By ELLA ROBERTSON
The power of young leaders to shape the world was dramatized in September 2020 when four youth representatives from Ghana, Malaysia, the Bahamas and France were invited to speak at the Opening Plenary marking the 75th anniversary of the United Nations. Sharing the rostrum with the Secretary-General of the UN, the young leaders implored the world leaders who followed them to make a more just, sustainable, and less dangerous world.
Championing such youth leadership is the core mission of One Young World and to that end we value our partnership with the InterAction Council and other bodies that ensure that the women and men who hold power also listen to young leaders. The COVID-19 crisis is a case in point.
COVID-19 continues to cause chaos around the world. In the wake of its destructive path, we are left asking to disrupt and innovate in many areas of our societies and economies. Labelled the ‘New Normal’, education is no different with the disease highlighting much scope for change, reform and improvement.
At the core of this approach to education is the belief that what we teach our young people should reflect the challenges that they will collectively need to overcome. At One Young World, we trust that the current generation of young people are the most engaged, connected and conscious of humanities great global issues – of any generation that has come before. It is key that we are supplying them with the tools and knowledge to take on these challenges.
In many areas of education, especially in the United Kingdom, we focus too narrowly at the national level. We dedicate significant time and resources to studying subjects all within the context of the nation.
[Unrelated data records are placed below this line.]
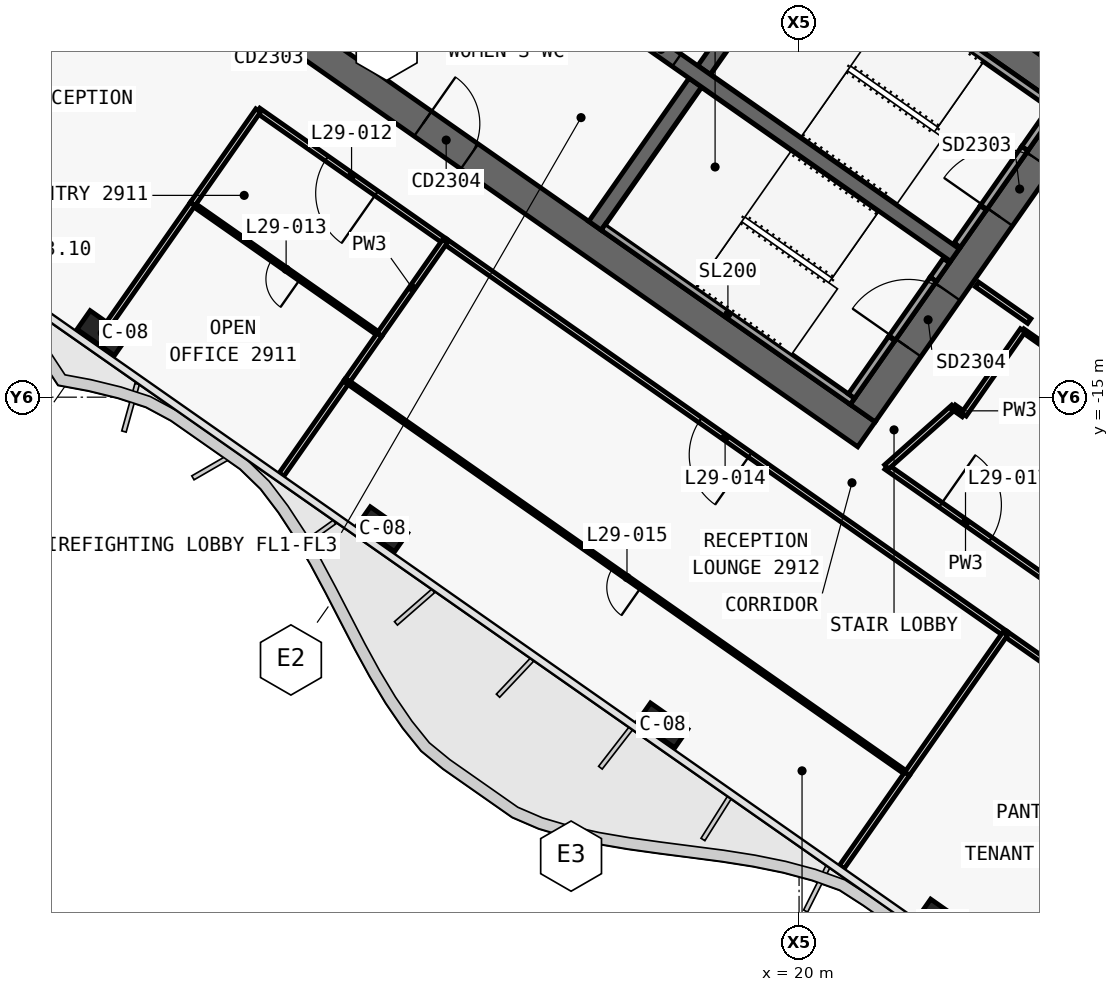
"""IFC4 building model, lengths in metres.
Left out: names, types, materials, properties, quantities, classifications, styles, units other than length and angle.
Written with IfcOpenShell. Run it as: python <this file> out.ifc"""

import sys

from ifc_helpers import new_model, si_unit, direction, frame, frame_2d, origin, origin_2d, place, context, subcontext, project, spatial, polyline, rectangle, outline, extrude, element, fill, save


model = new_model("IFC4")
c1 = context("Model", 3, precision=1e-05, world=origin(), true_north=direction((0.0, 1.0)))
c2 = subcontext(c1, "Body", "Model", "MODEL_VIEW")
j1 = project(units=[si_unit("LENGTHUNIT", "METRE"), si_unit("PLANEANGLEUNIT", "RADIAN")], contexts=[c1])
p1 = place(None, origin())
s1 = spatial("IfcSite", under=j1, at=p1, CompositionType="ELEMENT")
p2 = place(p1, origin())
s2 = spatial("IfcBuilding", under=s1, at=p2, CompositionType="ELEMENT")
p3 = place(p2, frame((0.0, 0.0, 132.0)))
s3 = spatial("IfcBuildingStorey", under=s2, at=p3, CompositionType="ELEMENT", Elevation=132.0)
p4 = place(p3, frame((-0.029, 11.984, 0.0), z_axis=(0.0, 0.0, 1.0), x_axis=(0.819151382952, -0.573577380837, 0.0)))
e1 = element("IfcWall", 1, at=p4, inside=s3, PredefinedType="SHEAR", context=c2, shape_type="SweptSolid", body=[
    extrude(outline(polyline([(33.898, 0.4), (-0.0, 0.4), (0.56, -0.4), (33.898, -0.4), (33.898, 0.4)])), origin(), (0.0, 0.0, 1.0), 3.9),
])
p5 = place(p3, frame((-0.029, -0.712, 0.0), z_axis=(0.0, 0.0, 1.0), x_axis=(0.819151758019, -0.573576845187, 0.0)))
e2 = element("IfcWall", 2, at=p5, inside=s3, PredefinedType="SHEAR", context=c2, shape_type="SweptSolid", body=[
    extrude(outline(polyline([(26.616, 0.4), (-0.0, 0.4), (0.56, -0.4), (26.616, -0.4), (26.616, 0.4)])), origin(), (0.0, 0.0, 1.0), 3.9),
])
p6 = place(p5, frame((6.666, 0.0, 0.0)))
e3 = element("IfcOpeningElement", 3, at=p6, cuts=e2, PredefinedType="OPENING", context=c2, shape_type="SweptSolid", body=[
    extrude(rectangle(XDim=1.5, YDim=2.1, at=frame_2d((0.75, 1.05))), frame((0.0, 0.41, 0.0), z_axis=(0.0, -1.0, 0.0), x_axis=(1.0, 0.0, 0.0)), (0.0, 0.0, 1.0), 0.82),
])
p7 = place(p5, frame((12.366, 0.0, 0.0)))
e4 = element("IfcOpeningElement", 4, at=p7, cuts=e2, PredefinedType="OPENING", context=c2, shape_type="SweptSolid", body=[
    extrude(rectangle(XDim=1.5, YDim=2.1, at=frame_2d((0.75, 1.05))), frame((0.0, 0.41, 0.0), z_axis=(0.0, -1.0, 0.0), x_axis=(1.0, 0.0, 0.0)), (0.0, 0.0, 1.0), 0.82),
])
p8 = place(p3, frame((21.675, -15.421, 0.0), z_axis=(0.0, 0.0, 1.0), x_axis=(0.573581815061, 0.819148278049, 0.0)))
e5 = element("IfcWall", 5, at=p8, inside=s3, PredefinedType="SHEAR", context=c2, shape_type="SweptSolid", body=[
    extrude(outline(polyline([(9.6, 0.4), (0.0, 0.4), (0.0, -0.4), (9.6, -0.4), (9.6, 0.4)])), origin(), (0.0, 0.0, 1.0), 3.9),
])
p9 = place(p8, frame((6.3, 0.0, 0.0)))
e6 = element("IfcOpeningElement", 6, at=p9, cuts=e5, PredefinedType="OPENING", context=c2, shape_type="SweptSolid", body=[
    extrude(rectangle(XDim=1.8, YDim=2.1, at=frame_2d((0.9, 1.05))), frame((0.0, 0.41, 0.0), z_axis=(0.0, -1.0, 0.0), x_axis=(1.0, 0.0, 0.0)), (0.0, 0.0, 1.0), 0.82),
])
p10 = place(p8, frame((2.1, 0.0, 0.0)))
e7 = element("IfcOpeningElement", 7, at=p10, cuts=e5, PredefinedType="OPENING", context=c2, shape_type="SweptSolid", body=[
    extrude(rectangle(XDim=1.8, YDim=2.1, at=frame_2d((0.9, 1.05))), frame((0.0, 0.41, 0.0), z_axis=(0.0, -1.0, 0.0), x_axis=(1.0, 0.0, 0.0)), (0.0, 0.0, 1.0), 0.82),
])
p11 = place(p3, frame((14.63, -10.488, 0.0), z_axis=(0.0, 0.0, 1.0), x_axis=(0.573611936273, 0.819127185829, 0.0)))
e8 = element("IfcWall", 8, at=p11, inside=s3, PredefinedType="SHEAR", context=c2, shape_type="SweptSolid", body=[
    extrude(outline(polyline([(0.0, 0.2), (0.0, -0.2), (4.6, -0.2), (4.6, 0.2), (0.0, 0.2)])), origin(), (0.0, 0.0, 1.0), 3.9),
])
p12 = place(p3, frame((17.498, -6.392, 0.0), z_axis=(0.0, 0.0, 1.0), x_axis=(0.573611936273, 0.819127185829, 0.0)))
e9 = element("IfcWall", 9, at=p12, inside=s3, PredefinedType="SHEAR", context=c2, shape_type="SweptSolid", body=[
    extrude(outline(polyline([(4.6, -0.2), (4.6, 0.2), (0.0, 0.2), (0.0, -0.2), (4.6, -0.2)])), origin(), (0.0, 0.0, 1.0), 3.9),
])
p13 = place(p3, frame((2.638, 3.768, 0.0), z_axis=(0.0, 0.0, 1.0), x_axis=(0.81915267502, -0.573575535572, 0.0)))
e10 = element("IfcWall", 10, at=p13, inside=s3, PredefinedType="SHEAR", context=c2, shape_type="SweptSolid", body=[
    extrude(outline(polyline([(0.0, 0.2), (0.0, -0.2), (26.2, -0.2), (26.2, 0.2), (0.0, 0.2)])), origin(), (0.0, 0.0, 1.0), 3.9),
])
p14 = place(p13, frame((9.637, 0.0, 0.0)))
e11 = element("IfcOpeningElement", 11, at=p14, cuts=e10, PredefinedType="OPENING", context=c2, shape_type="SweptSolid", body=[
    extrude(rectangle(XDim=1.2, YDim=2.1, at=frame_2d((0.6, 1.05))), frame((0.0, 0.21, 0.0), z_axis=(0.0, -1.0, 0.0), x_axis=(1.0, 0.0, 0.0)), (0.0, 0.0, 1.0), 0.42),
])
p15 = place(p13, frame((11.812, 0.0, 0.0)))
e12 = element("IfcOpeningElement", 12, at=p15, cuts=e10, PredefinedType="OPENING", context=c2, shape_type="SweptSolid", body=[
    extrude(rectangle(XDim=1.2, YDim=2.1, at=frame_2d((0.6, 1.05))), frame((0.0, 0.21, 0.0), z_axis=(0.0, -1.0, 0.0), x_axis=(1.0, 0.0, 0.0)), (0.0, 0.0, 1.0), 0.42),
])
p16 = place(p13, frame((13.988, 0.0, 0.0)))
e13 = element("IfcOpeningElement", 13, at=p16, cuts=e10, PredefinedType="OPENING", context=c2, shape_type="SweptSolid", body=[
    extrude(rectangle(XDim=1.2, YDim=2.1, at=frame_2d((0.6, 1.05))), frame((0.0, 0.21, 0.0), z_axis=(0.0, -1.0, 0.0), x_axis=(1.0, 0.0, 0.0)), (0.0, 0.0, 1.0), 0.42),
])
p17 = place(p13, frame((16.262, 0.0, 0.0)))
e14 = element("IfcOpeningElement", 14, at=p17, cuts=e10, PredefinedType="OPENING", context=c2, shape_type="SweptSolid", body=[
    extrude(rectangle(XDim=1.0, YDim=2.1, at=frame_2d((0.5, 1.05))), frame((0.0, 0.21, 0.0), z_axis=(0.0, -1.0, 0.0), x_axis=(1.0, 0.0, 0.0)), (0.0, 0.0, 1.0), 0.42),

On too few occasions are this current generation of pupils asked about the politics between states, the role of supranational organisations in our lives, the global economy, trading relations, international cooperation or joint efforts to curb climate change.
In late September, One Young World launched its new Academy – a transformative Challenge-Based learning platform that helps to rethink how we are educating young people, globally. The One Young World Academy takes a different perspective and brings together global leaders to dare participants to think internationally – equipping them with the thought processes and critical skills that will be needed to find meaningful solutions to many of the problems that globalisation presents.
The United Kingdom is less than 100 days away from exiting the European Union, with the transition period soon to expire. The country will be forced to establish new relationships on the world stage, secure formalised trading relationships, and to formulate its position as a global power. China is the second largest economy in the world and will play an ever-greater presence in UK foreign policy making.
What has been lacking from our efforts to build alliances across the globe is an intergenerational dialogue back home. Young people are excluded, with little voice in the debates on foreign policy that will define our international relationships for decades to come. Impacting their generation more than any other, what happens post-Brexit on the world stage will in many ways steer our collective response to issues such as climate change, peace, hunger, poverty, and more. Now is the time to be giving young people a voice in world society and the global economy.
No one nation can solve climate change alone, for instance. No one nation can reverse the environmental damage this species has inflicted on the planet or create the technologies that lead us closer to net zero. It will require the coming together of states, leaders, business, activists, consumers and every tranche of society to wean the world off carbon. In working together on these great challenges and opportunities it will prove vital that our young people have the tools and frameworks to play an active and definitive role.
In a surprise announcement, China has now declared that it is aiming for carbon neutrality by 2060. Speaking at the UN General Assembly in New York, President Xi Jinping declared that the country would hit peak emissions by 2030 and then carbon neutrality just 30 years later. With COP26 postponed this year until 2021, there have been fears mounting across the globe that COVID-19 will lead to a pause in progress on climate change – not just a stall on emissions, but in many instances actually reversing our impact on the environment. The announcement from China has given fresh hope that we can push for a green recovery for the world economy and continue to take significant steps forward in halting climate change. Have no doubts that young leaders will be critical in seeing this through.
Within several of our core programmes at One Young World, including Lead2030 where global brands partner with young people to tackle the UN’s SDG commitments, every day we see the innovation, creativity and determination with which young leaders across every continent commit to fighting inequalities and combating hardships in their local communities and beyond. Young leaders are continuously demonstrating their ability to change the world for the better and to take the fight to those in the highest offices of power or running multinational businesses. The One Young World Academy is about taking those vital ingredients that are at the heart of these young activists and finding ways to teach others how to make a difference and play a part in taking on the world’s most significant issues.
China’s Net Zero emissions declaration at UNGA and the UK’s obligations to the whole range of United Nations Sustainability Goals are significant commitments from two of the world’s major economies. And whilst current leaders will need to activate and accelerate the change needed to reach these goals, ultimately it will be today’s young leaders that will be most impacted by these decisions and most responsible for achieving them. It is vital then that we educate young people today with the tools for tomorrow.
Ella Robertson is Managing Director of One Young World, the global forum for young leaders.